Awalnya Hendak Direnovasi
Namun dari banyak masjid kuno atau klasik di Tanah Mandar. Yang paling terkenal dan dianggap sebagai masjid pertama adalah Masjid Abadan. Sebelum dihancurkan alasannya masjid itu mau direnovasi.
"Masjid itu memang tinggal menunggu roboh, bertahun-tahun tak digunakan lagi. Pernah ada konflik antar-masyarakat Lambanang yang menghasilkan dua kubu, di mana ada yang ingin merenovasi masjid dan ada yang ingin bangun masjid baru," tutur Ridwan.
"Yang pro-masjid baru berpendapat lokasi masjid tua rawan longsor, jadi jangan di situ lagi dibangun. Di kubu yang lain berpendapat masjid itu warisan nenek moyang," kata dia.
Bahkan, Ridwan menambahkan, kabarnya nyaris pernah terjadi 'baku parang' antar-kubu tersebut. Namun tidak terjadi lantaran kelompok yang pro pelestarian masjid tua mengalah untuk kemudian meninggalkan Lambanang.
"Mereka banyak bermukim di Desa Galung Tulu, di mulut jalan yang mengarah dari Lambanang ke Jalan Trans-Sulawesi," Ridwan menjelaskan.
Adapun menurut budayawan Mandar, Suradi Yasil, perusakan Masjid Abadan, Lambanang, bisa dikatakan bencana nasional.
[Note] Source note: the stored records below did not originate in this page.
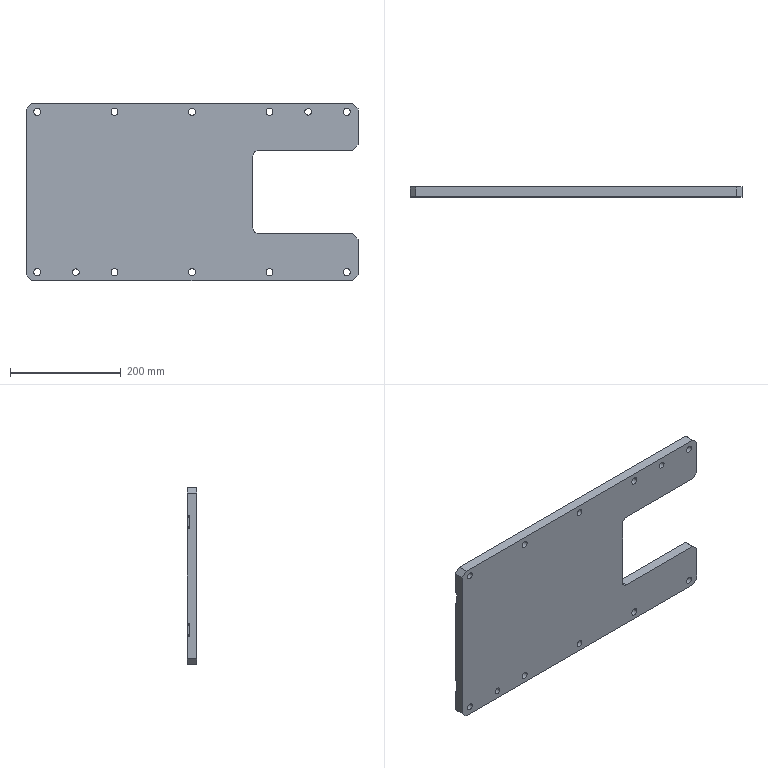Component | SolidWorks | 100-01-1 | 1 solid | 58 faces | box 600 x 18 x 320 mm | volume 2796129 mm3 | cylinder 34 | plane 24 | commonest cylinder face diameters 12.5 x20 6 x8 12 x4 20 x2 | material 45
build123d program:
from build123d import *

# Parameters (mm, degrees)
SKETCH1_W                    = 320
SKETCH1_H                    = 600
BOSS_EXTRUDE1_DEPTH          = 18
F_12_5_12_5_DIAMETER_HOLE1_D = 12.5
SKETCH4_R                    = 6
CUT_EXTRUDE1_DEPTH           = 341.476
SKETCH5_W                    = 25
SKETCH5_H                    = 580
CUT_EXTRUDE2_DEPTH           = 4
SKETCH6_R                    = 3
CUT_EXTRUDE3_DEPTH           = 4
SKETCH7_W                    = 150
SKETCH7_H                    = 190
CUT_EXTRUDE4_DEPTH           = 341.476
FILLET1_R                    = 10
CHAMFER1_SIZE                = 10


with BuildPart() as part:
    # Sketch1 → Boss-Extrude1 (new body)
    with BuildSketch(Plane(origin=(0, 0, 0), x_dir=(1, 0, 0), z_dir=(0, 1, 0))):
        Rectangle(SKETCH1_W, SKETCH1_H)
    extrude(amount=BOSS_EXTRUDE1_DEPTH)

    # 12.5 _12.5_ Diameter Hole1 (through all)
    with Locations(Plane(origin=(0, 18, 0), x_dir=(1, 0, 0), z_dir=(0, 1, 0))):
        with Locations((-145, 280), (-145, 140), (-145, 0), (-145, -140), (-145, -280)):
            f_12_5_12_5_diameter_hole1 = Hole(F_12_5_12_5_DIAMETER_HOLE1_D / 2)

    # Mirror1: 12.5 _12.5_ Diameter Hole1 across plane
    add(f_12_5_12_5_diameter_hole1.mirror(Plane(origin=(0, 0, 0), x_dir=(0, 0, 1), z_dir=(1, 0, 0))), mode=Mode.SUBTRACT)

    # Sketch4 → Cut-Extrude1 (cut, through all)
    with BuildSketch(Plane(origin=(0, 18, 0), x_dir=(1, 0, 0), z_dir=(0, 1, 0))):
        with Locations(Location((145, 210, 0), (0, 0, 270))):
            Circle(SKETCH4_R)
        with Locations(Location((-145, -210, 0), (0, 0, 270))):
            Circle(SKETCH4_R)
    extrude(amount=-CUT_EXTRUDE1_DEPTH, mode=Mode.SUBTRACT)

    # Sketch5 → Cut-Extrude2 (cut)
    with BuildSketch(Plane(origin=(0, 18, 0), x_dir=(1, 0, 0), z_dir=(0, 1, 0))):
        with Locations((97.5, 10)):
            Rectangle(SKETCH5_W, SKETCH5_H)
    cut_extrude2 = extrude(amount=-CUT_EXTRUDE2_DEPTH, mode=Mode.SUBTRACT)

    # Sketch6 → Cut-Extrude3 (cut)
    with BuildSketch(Plane(origin=(0, 18, 0), x_dir=(1, 0, 0), z_dir=(0, 1, 0))):
        with Locations((107.88, -277.88)):
            Circle(SKETCH6_R)
        with Locations((87.12, -277.88)):
            Circle(SKETCH6_R)
    cut_extrude3 = extrude(amount=-CUT_EXTRUDE3_DEPTH, mode=Mode.SUBTRACT)

    # Mirror2: Cut-Extrude2, Cut-Extrude3 across plane
    add(cut_extrude2.mirror(Plane(origin=(0, 0, 0), x_dir=(0, 0, 1), z_dir=(1, 0, 0))), mode=Mode.SUBTRACT)
    add(cut_extrude3.mirror(Plane(origin=(0, 0, 0), x_dir=(0, 0, 1), z_dir=(1, 0, 0))), mode=Mode.SUBTRACT)

    # Sketch7 → Cut-Extrude4 (cut, through all)
    with BuildSketch(Plane(origin=(0, 18, 0), x_dir=(1, 0, 0), z_dir=(0, 1, 0))):
        with Locations((0, -205)):
            Rectangle(SKETCH7_W, SKETCH7_H)
    extrude(amount=-CUT_EXTRUDE4_DEPTH, mode=Mode.SUBTRACT)

    # Fillet1
    fillet1_edges = [part.edges().sort_by_distance(p)[0] for p in [
        (75, 9, 110),
        (-75, 9, 110),
    ]]
    fillet(fillet1_edges, radius=FILLET1_R)

    # Chamfer1
    chamfer1_edges = [part.edges().sort_by_distance(p)[0] for p in [
        (75, 9, 300),
        (-75, 9, 300),
        (-160, 9, -300),
        (160, 9, -300),
        (160, 9, 300),
        (-160, 9, 300),
    ]]
    chamfer(chamfer1_edges, length=CHAMFER1_SIZE)


solid = part.part

# Placed as in the assembly
solid = solid.moved(Location((0, 0, 0), (0, 90, 0)))

"Peristiwa ini tragedi luar biasa atau bencana nasional. Masjid itu adalah bukti sejarah masuknya Islam di Nusantara. Ketika itu dirusak, yang terlibat harus bertanggung jawab. Harus ada penegakan hukum," ucap dia.
Bangunan Cagar Budaya
Menurut Suradi, keberadaan masjid tertua Abadan itu jelas dilindungi undang-undang, selain itu juga menjadi bagian tidak terpisahkan dari sejarah Tanah Mandar itu sendiri.
"Sebab kita saat ini, orang Mandar, bisa dikatakan semuanya memeluk Islam," ujar Suradi.
Masjid Abadan, Suradi menegaskan, adalah cagar budaya untuk tujuan pelestariannya, yang dilakukan bukanlah mengganti dengan bangunan baru, tapi semacam restorasi. Yakni, memperbaiki bagian-bagian yang rusak dengan tetap mempertahankan bagian-bagian yang menjadi unsur masa lalunya.
"Proses restorasi pun tidak sembarangan harus melibatkan ahli arkeologi. Sebab, merekalah yang berhak secara keilmuan untuk menentukan mana bagian yang bisa dibongkar atau diganti maupun desain yang akan digunakan," kata dia.
"Sebaliknya yang terjadi pada Masjid Abadan, sama sekali tak melibatkan pihak arkeologi. Sekali lagi, ini ironi luar biasa, memalukan. Bencana. Harus ada yang bertanggung jawab atas persoalan ini," budayawan Mandar itu memungkasi.